ベースボールキング 7/18(月) 11:00配信

 山田哲人(ヤクルト)の勢いが止まらない。昨季はトリプルスリーを達成し、リーグ優勝に貢献した。今季は、トリプルスリーはもちろん、三冠王も射程圏にとらえている。かつて、三冠王に輝いた選手が同時にトリプルスリーを達成した選手はおらず、山田は前人未到の記録に挑むことになる。

 前半戦が終了時点での山田の打撃成績は、打率(.350)、本塁打(29本)、打点(72打点)はトップを快走。盗塁(20盗塁)もリーグトップの成績だ。だが、チームに目を向けると、ヤクルトは投手陣が崩壊状態。山田がいくら打っても、勝ちきれない状況が続いている。前半戦が終了した時点で、38勝49敗1分で最下位。2位巨人から最下位ヤクルトまで5ゲーム差ということで、上位進出の可能性もあるが、最下位のままシーズンを終える可能性もある。
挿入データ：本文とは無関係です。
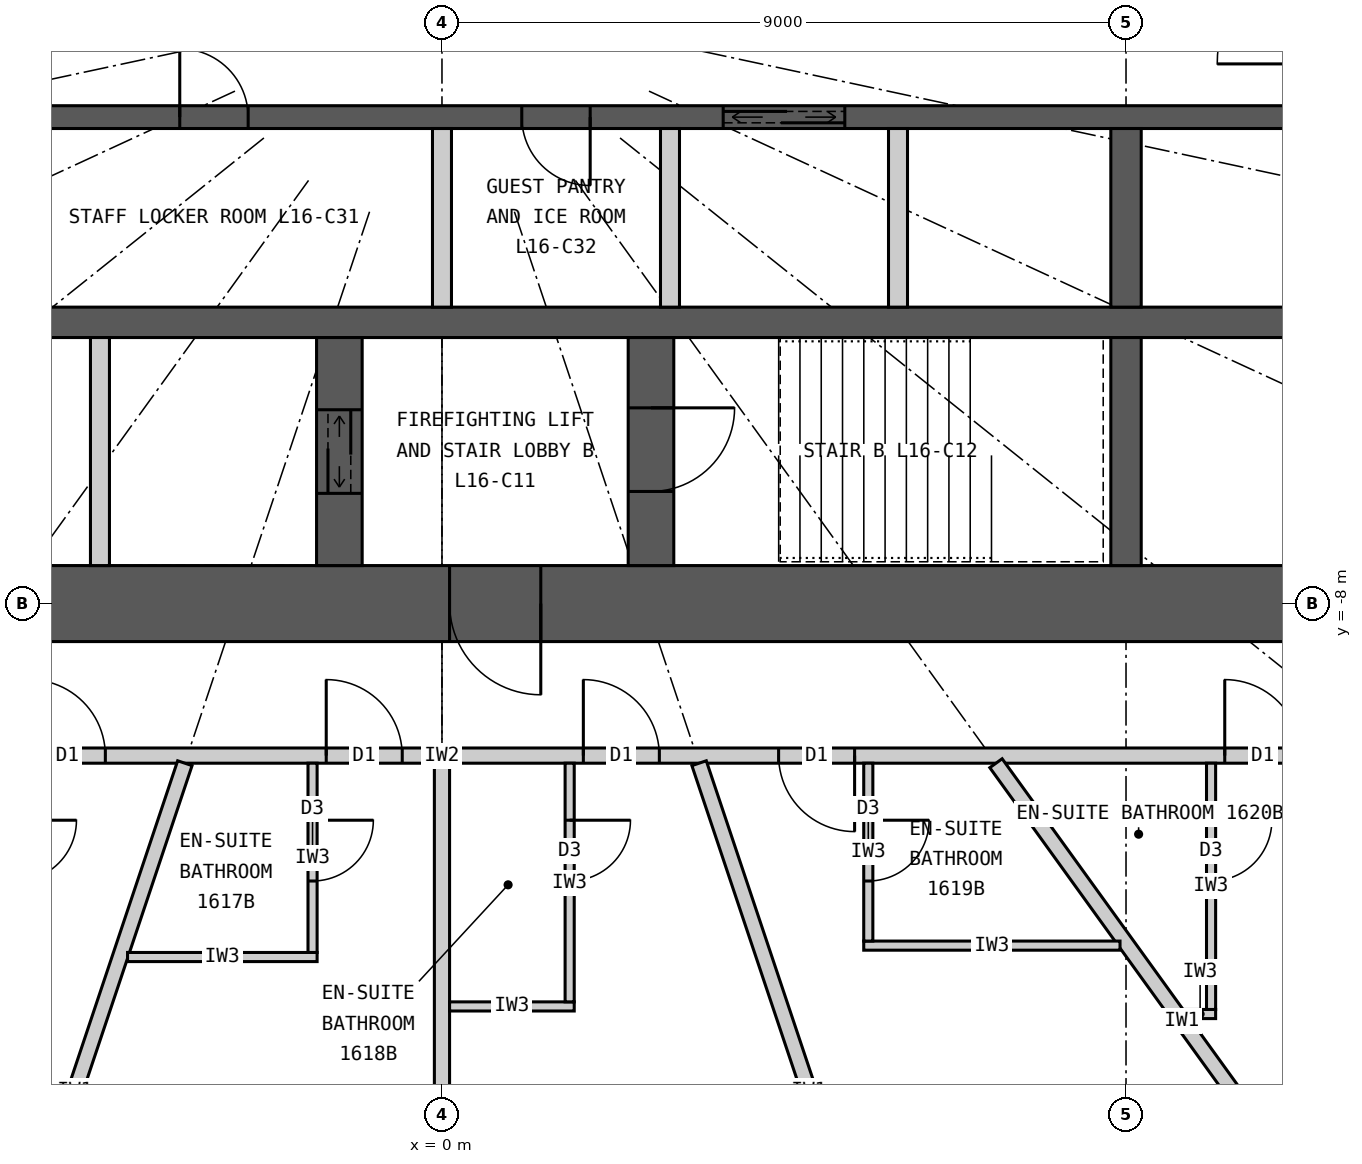
"""IFC4 building model, lengths in metres.
Left out: names, types, materials, properties, quantities, classifications, styles, units other than length and angle.
Written with IfcOpenShell. Run it as: python <this file> out.ifc"""

import sys

from ifc_helpers import new_model, si_unit, direction, frame, frame_2d, origin, place, context, subcontext, project, spatial, rectangle, extrude, element, fill, save


model = new_model("IFC4")
c1 = context("Model", 3, precision=1e-05, world=origin(), true_north=direction((0.0, 1.0)))
c2 = subcontext(c1, "Body", "Model", "MODEL_VIEW")
j1 = project(units=[si_unit("LENGTHUNIT", "METRE"), si_unit("PLANEANGLEUNIT", "RADIAN")], contexts=[c1])
p1 = place(None, origin())
s1 = spatial("IfcSite", under=j1, at=p1, CompositionType="ELEMENT")
p2 = place(p1, origin())
s2 = spatial("IfcBuilding", under=s1, at=p2, CompositionType="ELEMENT")
p3 = place(p2, frame((0.0, 0.0, 67.2)))
s3 = spatial("IfcBuildingStorey", under=s2, at=p3, CompositionType="ELEMENT", Elevation=67.2)
p4 = place(p3, frame((12.5, -8.0, 0.0), z_axis=(0.0, 0.0, 1.0), x_axis=(-1.0, 0.0, 0.0)))
e1 = element("IfcWall", 1, at=p4, inside=s3, PredefinedType="SHEAR", context=c2, shape_type="SweptSolid", body=[
    extrude(rectangle(XDim=25.0, YDim=1.0, at=frame_2d((12.5, 0.0))), origin(), (0.0, 0.0, 1.0), 3.3),
])
p5 = place(p4, frame((11.2, 0.0, 0.0)))
e2 = element("IfcOpeningElement", 2, at=p5, cuts=e1, PredefinedType="OPENING", context=c2, shape_type="SweptSolid", body=[
    extrude(rectangle(XDim=1.2, YDim=2.2, at=frame_2d((0.6, 1.1))), frame((0.0, 0.51, 0.0), z_axis=(0.0, -1.0, 0.0), x_axis=(1.0, 0.0, 0.0)), (0.0, 0.0, 1.0), 1.02),
])
p6 = place(p4, frame((18.8, 0.0, 0.0)))
e3 = element("IfcOpeningElement", 3, at=p6, cuts=e1, PredefinedType="OPENING", context=c2, shape_type="SweptSolid", body=[
    extrude(rectangle(XDim=0.9, YDim=2.2, at=frame_2d((0.45, 1.1))), frame((0.0, 0.51, 0.0), z_axis=(0.0, -1.0, 0.0), x_axis=(1.0, 0.0, 0.0)), (0.0, 0.0, 1.0), 1.02),
])
p7 = place(p3, frame((-11.5, -4.3, 0.0), z_axis=(0.0, 0.0, 1.0), x_axis=(1.0, 0.0, 0.0)))
e4 = element("IfcWall", 4, at=p7, inside=s3, PredefinedType="SHEAR", context=c2, shape_type="SweptSolid", body=[
    extrude(rectangle(XDim=23.0, YDim=0.4, at=frame_2d((11.5, 0.0))), origin(), (0.0, 0.0, 1.0), 3.3),
])
p8 = place(p3, frame((-11.5, -1.6, 0.0), z_axis=(0.0, 0.0, 1.0), x_axis=(1.0, 0.0, 0.0)))
e5 = element("IfcWall", 5, at=p8, inside=s3, PredefinedType="SHEAR", context=c2, shape_type="SweptSolid", body=[
    extrude(rectangle(XDim=23.0, YDim=0.3, at=frame_2d((11.5, 0.0))), origin(), (0.0, 0.0, 1.0), 3.3),
])
p9 = place(p8, frame((0.45, 0.0, 0.0)))
e6 = element("IfcOpeningElement", 6, at=p9, cuts=e5, PredefinedType="OPENING", context=c2, shape_type="SweptSolid", body=[
    extrude(rectangle(XDim=1.1, YDim=2.2, at=frame_2d((0.55, 1.1))), frame((0.0, 0.16, 0.0), z_axis=(0.0, -1.0, 0.0), x_axis=(1.0, 0.0, 0.0)), (0.0, 0.0, 1.0), 0.32),
])
p10 = place(p8, frame((3.45, 0.0, 0.0)))
e7 = element("IfcOpeningElement", 7, at=p10, cuts=e5, PredefinedType="OPENING", context=c2, shape_type="SweptSolid", body=[
    extrude(rectangle(XDim=1.1, YDim=2.2, at=frame_2d((0.55, 1.1))), frame((0.0, 0.16, 0.0), z_axis=(0.0, -1.0, 0.0), x_axis=(1.0, 0.0, 0.0)), (0.0, 0.0, 1.0), 0.32),
])
p11 = place(p8, frame((15.2, 0.0, 0.0)))
e8 = element("IfcOpeningElement", 8, at=p11, cuts=e5, PredefinedType="OPENING", context=c2, shape_type="SweptSolid", body=[
    extrude(rectangle(XDim=1.6, YDim=2.4, at=frame_2d((0.8, 1.2))), frame((0.0, 0.16, 0.0), z_axis=(0.0, -1.0, 0.0), x_axis=(1.0, 0.0, 0.0)), (0.0, 0.0, 1.0), 0.32),
])
p12 = place(p8, frame((8.05, 0.0, 0.0)))
e9 = element("IfcOpeningElement", 9, at=p12, cuts=e5, PredefinedType="OPENING", context=c2, shape_type="SweptSolid", body=[
    extrude(rectangle(XDim=0.9, YDim=2.2, at=frame_2d((0.45, 1.1))), frame((0.0, 0.16, 0.0), z_axis=(0.0, -1.0, 0.0), x_axis=(1.0, 0.0, 0.0)), (0.0, 0.0, 1.0), 0.32),
])
p13 = place(p8, frame((12.55, 0.0, 0.0)))
e10 = element("IfcOpeningElement", 10, at=p13, cuts=e5, PredefinedType="OPENING", context=c2, shape_type="SweptSolid", body=[
    extrude(rectangle(XDim=0.9, YDim=2.2, at=frame_2d((0.45, 1.1))), frame((0.0, 0.16, 0.0), z_axis=(0.0, -1.0, 0.0), x_axis=(1.0, 0.0, 0.0)), (0.0, 0.0, 1.0), 0.32),
])
p14 = place(p3, frame((9.0, -4.1, 0.0), z_axis=(0.0, 0.0, 1.0), x_axis=(0.0, 1.0, 0.0)))
e11 = element("IfcWall", 11, at=p14, inside=s3, PredefinedType="SHEAR", context=c2, shape_type="SweptSolid", body=[
    extrude(rectangle(XDim=2.35, YDim=0.4, at=frame_2d((1.175, 0.0))), origin(), (0.0, 0.0, 1.0), 3.3),
])
p15 = place(p3, frame((9.0, -7.5, 0.0), z_axis=(0.0, 0.0, 1.0), x_axis=(0.0, 1.0, 0.0)))
e12 = element("IfcWall", 12, at=p15, inside=s3, PredefinedType="SHEAR", context=c2, shape_type="SweptSolid", body=[
    extrude(rectangle(XDim=3.0, YDim=0.4, at=frame_2d((1.5, 0.0))), origin(), (0.0, 0.0, 1.0), 3.3),
])
p16 = place(p3, frame((2.75, -7.5, 0.0), z_axis=(0.0, 0.0, 1.0), x_axis=(0.0, 1.0, 0.0)))
e13 = element("IfcWall", 13, at=p16, inside=s3, PredefinedType="SHEAR", context=c2, shape_type="SweptSolid", body=[
    extrude(rectangle(XDim=3.0, YDim=0.6, at=frame_2d((1.5, 0.0))), origin(), (0.0, 0.0, 1.0), 3.3),
])
p17 = place(p16, frame((0.975, 0.0, 0.0)))
e14 = element("IfcOpeningElement", 14, at=p17, cuts=e13, PredefinedType="OPENING", context=c2, shape_type="SweptSolid", body=[
    extrude(rectangle(XDim=1.1, YDim=2.2, at=frame_2d((0.55, 1.1))), frame((0.0, 0.31, 0.0), z_axis=(0.0, -1.0, 0.0), x_axis=(1.0, 0.0, 0.0)), (0.0, 0.0, 1.0), 0.62),
])
p18 = place(p3, frame((-1.35, -7.5, 0.0), z_axis=(0.0, 0.0, 1.0), x_axis=(0.0, 1.0, 0.0)))
e15 = element("IfcWall", 15, at=p18, inside=s3, PredefinedType="SHEAR", context=c2, shape_type="SweptSolid", body=[
    extrude(rectangle(XDim=3.0, YDim=0.6, at=frame_2d((1.5, 0.0))), origin(), (0.0, 0.0, 1.0), 3.3),
])
p19 = place(p18, frame((0.95, 0.0, 0.0)))
e16 = element("IfcOpeningElement", 16, at=p19, cuts=e15, PredefinedType="OPENING", context=c2, shape_type="SweptSolid", body=[
    extrude(rectangle(XDim=1.1, YDim=2.2, at=frame_2d((0.55, 1.1))), frame((0.0, 0.31, 0.0), z_axis=(0.0, -1.0, 0.0), x_axis=(1.0, 0.0, 0.0)), (0.0, 0.0, 1.0), 0.62),
])
p20 = place(p3, frame((-4.5, -7.5, 0.0), z_axis=(0.0, 0.0, 1.0), x_axis=(0.0, 1.0, 0.0)))
e17 = element("IfcWall", 17, at=p20, inside=s3, PredefinedType="PARTITIONING", context=c2, shape_type="SweptSolid", body=[
    extrude(rectangle(XDim=3.0, YDim=0.25, at=frame_2d((1.5, 0.0))), origin(), (0.0, 0.0, 1.0), 3.3),
])
for number, where, z_axis, x_axis in (
    (18, (0.0, -4.1, 0.0), (0.0, 0.0, 1.0), (0.0, 1.0, 0.0)),
    (19, (3.0, -4.1, 0.0), (0.0, 0.0, 1.0), (0.0, 1.0, 0.0)),
    (20, (6.0, -4.1, 0.0), (0.0, 0.0, 1.0), (0.0, 1.0, 0.0)),
):
    element("IfcWall", number, at=place(p3, frame(where, z_axis=z_axis, x_axis=x_axis)), inside=s3, PredefinedType="PARTITIONING", context=c2, shape_type="SweptSolid", body=[
        extrude(rectangle(XDim=2.35, YDim=0.25, at=frame_2d((1.175, 0.0))), origin(), (0.0, 0.0, 1.0), 3.3),
    ])
p21 = place(p3, frame((14.1, -10.0, 0.0), z_axis=(0.0, 0.0, 1.0), x_axis=(-1.0, 0.0, 0.0)))
e21 = element("IfcWall", 21, at=p21, inside=s3, PredefinedType="PARTITIONING", context=c2, shape_type="SweptSolid", body=[
    extrude(rectangle(XDim=28.2, YDim=0.2, at=frame_2d((14.1, 0.0))), origin(), (0.0, 0.0, 1.0), 3.12),
])
p22 = place(p21, frame((23.865, 0.0, 0.0)))
e22 = element("IfcOpeningElement", 22, at=p22, cuts=e21, PredefinedType="OPENING", context=c2, shape_type="SweptSolid", body=[
    extrude(rectangle(XDim=1.0, YDim=2.2, at=frame_2d((0.5, 1.1))), frame((0.0, 0.11, 0.0), z_axis=(0.0, -1.0, 0.0), x_axis=(1.0, 0.0, 0.0)), (0.0, 0.0, 1.0), 0.22),
])
p23 = place(p21, frame((18.529, 0.0, 0.0)))
e23 = element("IfcOpeningElement", 23, at=p23, cuts=e21, PredefinedType="OPENING", context=c2, shape_type="SweptSolid", body=[
    extrude(rectangle(XDim=1.0, YDim=2.2, at=frame_2d((0.5, 1.1))), frame((0.0, 0.11, 0.0), z_axis=(0.0, -1.0, 0.0), x_axis=(1.0, 0.0, 0.0)), (0.0, 0.0, 1.0), 0.22),
])
p24 = place(p21, frame((14.623, 0.0, 0.0)))
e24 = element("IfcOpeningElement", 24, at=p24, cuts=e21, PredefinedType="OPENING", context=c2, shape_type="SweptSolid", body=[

 戦後の三冠王達成者は6人で、のべ10回。その選手の所属チームの順位を見ると…

65年 野村克也(南海) 率.320 本42 点110 順位1
73年 王 貞治(巨人) 率.355 本51 点114 順位1(日本一) 
74年 王 貞治(巨人) 率.332 本49 点107 順位2 
82年 落合博満(ロッテ)率.325 本32 点99 順位5 
84年 ブーマー(阪急) 率.355 本37 点130 順位1 
85年 バース (阪神) 率.350 本54 点134 順位1(日本一) 
85年 落合博満(ロッテ)率.367 本52 点146 順位2 
86年 バース (阪神) 率.389 本47 点109 順位3 
86年 落合博満(ロッテ)率.360 本50 点116 順位4 
04年 松中信彦(ダイエ)率.358 本44 点120 順位2 

 要するに、三冠王輩出チームの最下位は、これまで1度もないのだ。ただ、日本一も2チームしかない。あらためて、「野球は投手力」であるということを思い知らされるような結果だ。

 投手陣が崩壊しているヤクルトだが、17日にトレードでオリックスから近藤一樹を獲得した。後半戦は故障で離脱していた石川雅規、小川泰弘の復帰が見込まれ、館山昌平、さらには由規といった選手が先発陣の顔ぶれに加わることになりそうだ。救援陣も“勝利の方程式”を担う秋吉亮とルーキが、防御率2点台と安定した投球を続けている。故障者が復帰していることもあり、前半戦に比べると投手力はアップしそうだ。

 後半戦もこのペースで打ち続ければ、山田が三冠王を達成する可能性は高い。最下位チームの“三冠王”という不名誉な称号を避けるためにも、投手陣の奮起に期待したい。